Wade’s road had teased me over the years as I drove; glimpsed deviating from the tarmac, especially when highlighted in low winter sunlight, and lined with snow-marker stones. I’d studied its course on the map too, crossing and re-crossing the main road. Always drawn by old ways and a fascination with remnants of clever engineering, I wanted to find out if it was accessible, visible, walk-able. Having driven the 25 miles so many times, I also wanted to measure the distance with my legs at least once, in doing so invoking tales of people walking from Glen Lyon to Glen Almond to fetch a cow, or to St Andrews to go to university in the 19th century: walking because they needed to get somewhere. I imagine, though, that such travellers relished the incidental motion and connection with the landscape as they went; the opening up of a reflective space.

It felt the right season for a two day walk crossing from Lowland to Highland, and reaching towards the returning light beyond the solstice. I like the fact that the passing of a year has such natural waymarks as well as my invented ones – work deadlines, holidays, book events.

Just before reaching the Foulford Inn (where I used to see, as I flashed past in my car, two mannequins enjoying a bath together, one seated at either end) I felt gloriously high on the open moor with red kites circling above me. Views stretched west beyond the birch brush-haze of Monzie Wood, towards the high white reach of Ben Vorlich. My small upright self was wrapped in sharp, glittering light. The key sensations of a moorland walk are perhaps simply this: the effect from light and weather and what’s underfoot.

I crossed the A road once again towards Connachan Lodge over one of Wade’s famed single arch bridges. Rather than skirting the hill as the tarmac does to reach the Sma’ Glen, the old way climbs, passing a Roman signal station overlooking the Fendoch Fort. From here I saw how the steep ‘nose’ of the fort is defined, a feature never seen clearly from the lower road. Other small surprises followed such as a new appreciation of the Almond river gurgling through the Sma’ Glen, usually concealed behind a strip of plantation forest. We’ve probably all had the experience of arriving somewhere having driven a repeated route to find we have no recollection of manoeuvring that junction, or seeing the usual loch. If familiarity is an anaesthetic, that slight shift of perspective and dramatic change of pace was all I needed to feel more keenly alert to this ‘known’ place. This sort of refreshment out of lazy consciousness, seems to me a vital aspect of walking, particularly when we do it alone.

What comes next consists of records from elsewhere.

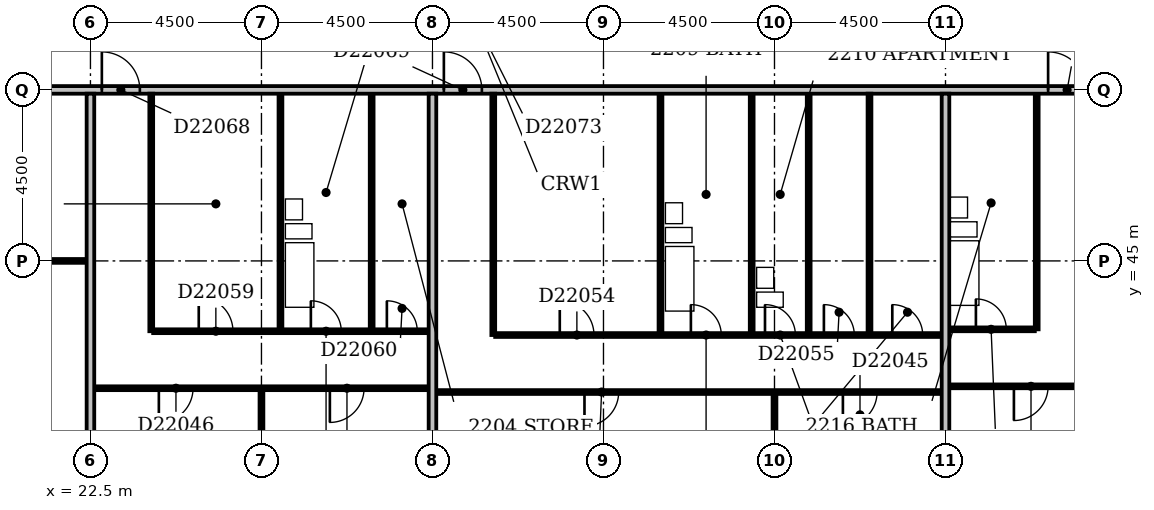
"""IFC4 building model, lengths in metres.
Left out: names, types, materials, properties, quantities, classifications, styles, units other than length and angle.
Written with IfcOpenShell. Run it as: python <this file> out.ifc"""

import sys

from ifc_helpers import new_model, si_unit, direction, frame, frame_2d, origin, place, context, subcontext, project, spatial, rectangle, extrude, element, fill, save


model = new_model("IFC4")
c1 = context("Model", 3, precision=1e-05, world=origin(), true_north=direction((0.0, 1.0)))
c2 = subcontext(c1, "Body", "Model", "MODEL_VIEW")
j1 = project(units=[si_unit("LENGTHUNIT", "METRE"), si_unit("PLANEANGLEUNIT", "RADIAN")], contexts=[c1])
p1 = place(None, origin())
s1 = spatial("IfcSite", under=j1, at=p1, CompositionType="ELEMENT")
p2 = place(p1, origin())
s2 = spatial("IfcBuilding", under=s1, at=p2, CompositionType="ELEMENT")
p3 = place(p2, frame((0.0, 0.0, 90.2)))
s3 = spatial("IfcBuildingStorey", under=s2, at=p3, CompositionType="ELEMENT", Elevation=90.2)
p4 = place(p3, frame((22.5, 36.6, 0.0), z_axis=(0.0, 0.0, 1.0), x_axis=(0.0, 1.0, 0.0)))
e1 = element("IfcWall", 1, at=p4, inside=s3, PredefinedType="PARTITIONING", context=c2, shape_type="SweptSolid", body=[
    extrude(rectangle(XDim=12.8, YDim=0.2, at=frame_2d((6.4, 0.0))), origin(), (0.0, 0.0, 1.0), 3.3),
])
p5 = place(p3, frame((27.0, 36.6, 0.0), z_axis=(0.0, 0.0, 1.0), x_axis=(0.0, 1.0, 0.0)))
e2 = element("IfcWall", 2, at=p5, inside=s3, PredefinedType="PARTITIONING", context=c2, shape_type="SweptSolid", body=[
    extrude(rectangle(XDim=5.0, YDim=0.1, at=frame_2d((2.5, 0.0))), origin(), (0.0, 0.0, 1.0), 2.6),
])
p6 = place(p3, frame((31.5, 36.6, 0.0), z_axis=(0.0, 0.0, 1.0), x_axis=(0.0, 1.0, 0.0)))
e3 = element("IfcWall", 3, at=p6, inside=s3, PredefinedType="PARTITIONING", context=c2, shape_type="SweptSolid", body=[
    extrude(rectangle(XDim=12.8, YDim=0.2, at=frame_2d((6.4, 0.0))), origin(), (0.0, 0.0, 1.0), 3.3),
])
p7 = place(p3, frame((40.5, 36.6, 0.0), z_axis=(0.0, 0.0, 1.0), x_axis=(0.0, 1.0, 0.0)))
e4 = element("IfcWall", 4, at=p7, inside=s3, PredefinedType="PARTITIONING", context=c2, shape_type="SweptSolid", body=[
    extrude(rectangle(XDim=4.9, YDim=0.1, at=frame_2d((2.45, 0.0))), origin(), (0.0, 0.0, 1.0), 3.3),
])
p8 = place(p3, frame((45.0, 36.6, 0.0), z_axis=(0.0, 0.0, 1.0), x_axis=(0.0, 1.0, 0.0)))
e5 = element("IfcWall", 5, at=p8, inside=s3, PredefinedType="PARTITIONING", context=c2, shape_type="SweptSolid", body=[
    extrude(rectangle(XDim=12.8, YDim=0.2, at=frame_2d((6.4, 0.0))), origin(), (0.0, 0.0, 1.0), 2.6),
])
p9 = place(p3, frame((31.6, 41.55, 0.0), z_axis=(0.0, 0.0, 1.0), x_axis=(1.0, 0.0, 0.0)))
e6 = element("IfcWall", 6, at=p9, inside=s3, PredefinedType="PARTITIONING", context=c2, shape_type="SweptSolid", body=[
    extrude(rectangle(XDim=13.3, YDim=0.1, at=frame_2d((6.65, 0.0))), origin(), (0.0, 0.0, 1.0), 3.3),
])
p10 = place(p9, frame((3.9, 0.0, 0.0)))
e7 = element("IfcOpeningElement", 7, at=p10, cuts=e6, PredefinedType="OPENING", context=c2, shape_type="SweptSolid", body=[
    extrude(rectangle(XDim=0.9, YDim=2.1, at=frame_2d((0.45, 1.05))), frame((0.0, 0.062, 0.0), z_axis=(0.0, -1.0, 0.0), x_axis=(1.0, 0.0, 0.0)), (0.0, 0.0, 1.0), 0.124),
])
p11 = place(p9, frame((10.7, 0.0, 0.0)))
e8 = element("IfcOpeningElement", 8, at=p11, cuts=e6, PredefinedType="OPENING", context=c2, shape_type="SweptSolid", body=[
    extrude(rectangle(XDim=0.9, YDim=2.1, at=frame_2d((0.45, 1.05))), frame((0.0, 0.062, 0.0), z_axis=(0.0, -1.0, 0.0), x_axis=(1.0, 0.0, 0.0)), (0.0, 0.0, 1.0), 0.124),
])
p12 = place(p3, frame((22.6, 41.65, 0.0), z_axis=(0.0, 0.0, 1.0), x_axis=(1.0, 0.0, 0.0)))
e9 = element("IfcWall", 9, at=p12, inside=s3, PredefinedType="PARTITIONING", context=c2, shape_type="SweptSolid", body=[
    extrude(rectangle(XDim=8.8, YDim=0.1, at=frame_2d((4.4, 0.0))), origin(), (0.0, 0.0, 1.0), 3.3),
])
p13 = place(p12, frame((1.7, 0.0, 0.0)))
e10 = element("IfcOpeningElement", 10, at=p13, cuts=e9, PredefinedType="OPENING", context=c2, shape_type="SweptSolid", body=[
    extrude(rectangle(XDim=0.9, YDim=2.1, at=frame_2d((0.45, 1.05))), frame((0.0, 0.062, 0.0), z_axis=(0.0, -1.0, 0.0), x_axis=(1.0, 0.0, 0.0)), (0.0, 0.0, 1.0), 0.124),
])
p14 = place(p12, frame((6.2, 0.0, 0.0)))
e11 = element("IfcOpeningElement", 11, at=p14, cuts=e9, PredefinedType="OPENING", context=c2, shape_type="SweptSolid", body=[
    extrude(rectangle(XDim=0.9, YDim=2.1, at=frame_2d((0.45, 1.05))), frame((0.0, 0.062, 0.0), z_axis=(0.0, -1.0, 0.0), x_axis=(1.0, 0.0, 0.0)), (0.0, 0.0, 1.0), 0.124),
])
p15 = place(p3, frame((45.1, 41.7, 0.0), z_axis=(0.0, 0.0, 1.0), x_axis=(1.0, 0.0, 0.0)))
e12 = element("IfcWall", 12, at=p15, inside=s3, PredefinedType="PARTITIONING", context=c2, shape_type="SweptSolid", body=[
    extrude(rectangle(XDim=17.8, YDim=0.1, at=frame_2d((8.9, 0.0))), origin(), (0.0, 0.0, 1.0), 3.3),
])
p16 = place(p15, frame((1.7, 0.0, 0.0)))
e13 = element("IfcOpeningElement", 13, at=p16, cuts=e12, PredefinedType="OPENING", context=c2, shape_type="SweptSolid", body=[
    extrude(rectangle(XDim=0.9, YDim=2.1, at=frame_2d((0.45, 1.05))), frame((0.0, 0.062, 0.0), z_axis=(0.0, -1.0, 0.0), x_axis=(1.0, 0.0, 0.0)), (0.0, 0.0, 1.0), 0.124),
])
p17 = place(p15, frame((6.2, 0.0, 0.0)))
e14 = element("IfcOpeningElement", 14, at=p17, cuts=e12, PredefinedType="OPENING", context=c2, shape_type="SweptSolid", body=[
    extrude(rectangle(XDim=0.9, YDim=2.1, at=frame_2d((0.45, 1.05))), frame((0.0, 0.062, 0.0), z_axis=(0.0, -1.0, 0.0), x_axis=(1.0, 0.0, 0.0)), (0.0, 0.0, 1.0), 0.124),
])
p18 = place(p15, frame((11.85, 0.0, 0.0)))
e15 = element("IfcOpeningElement", 15, at=p18, cuts=e12, PredefinedType="OPENING", context=c2, shape_type="SweptSolid", body=[
    extrude(rectangle(XDim=0.9, YDim=2.1, at=frame_2d((0.45, 1.05))), frame((0.0, 0.062, 0.0), z_axis=(0.0, -1.0, 0.0), x_axis=(1.0, 0.0, 0.0)), (0.0, 0.0, 1.0), 0.124),
])
p19 = place(p15, frame((15.2, 0.0, 0.0)))
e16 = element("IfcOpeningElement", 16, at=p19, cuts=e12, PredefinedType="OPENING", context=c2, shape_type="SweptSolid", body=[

On the high spot near the Roman signal station I reached the threshold where snow remained from the fall of the previous week. Pockets of it sang against sun-glistered patches of toasted bracken breaking the dark monotony of heather, the slick grey crags higher up. Until I grew used to them, the silhouettes of grouse-feeding stations tricked me into thinking I’d discovered some sort of ancient ruins, perched as they were on strategic-looking mounds.

heading into sma glen

I met another pedestrian here — a shepherd with his three collies seeking out stragglers after a recent gathering. We stood squinting into sunlight, kicking at ice, and discussed the route of Wade’s Road. He knew surprisingly little of it, probably because his mental map of the area would be shaped by corries, bogs and ditches, intimate places where sheep could be hidden, rather than the old human-trodden ways that whistle through. I was even more surprised when he said: ‘Wade… the Jacobites… when was that? About ten something?’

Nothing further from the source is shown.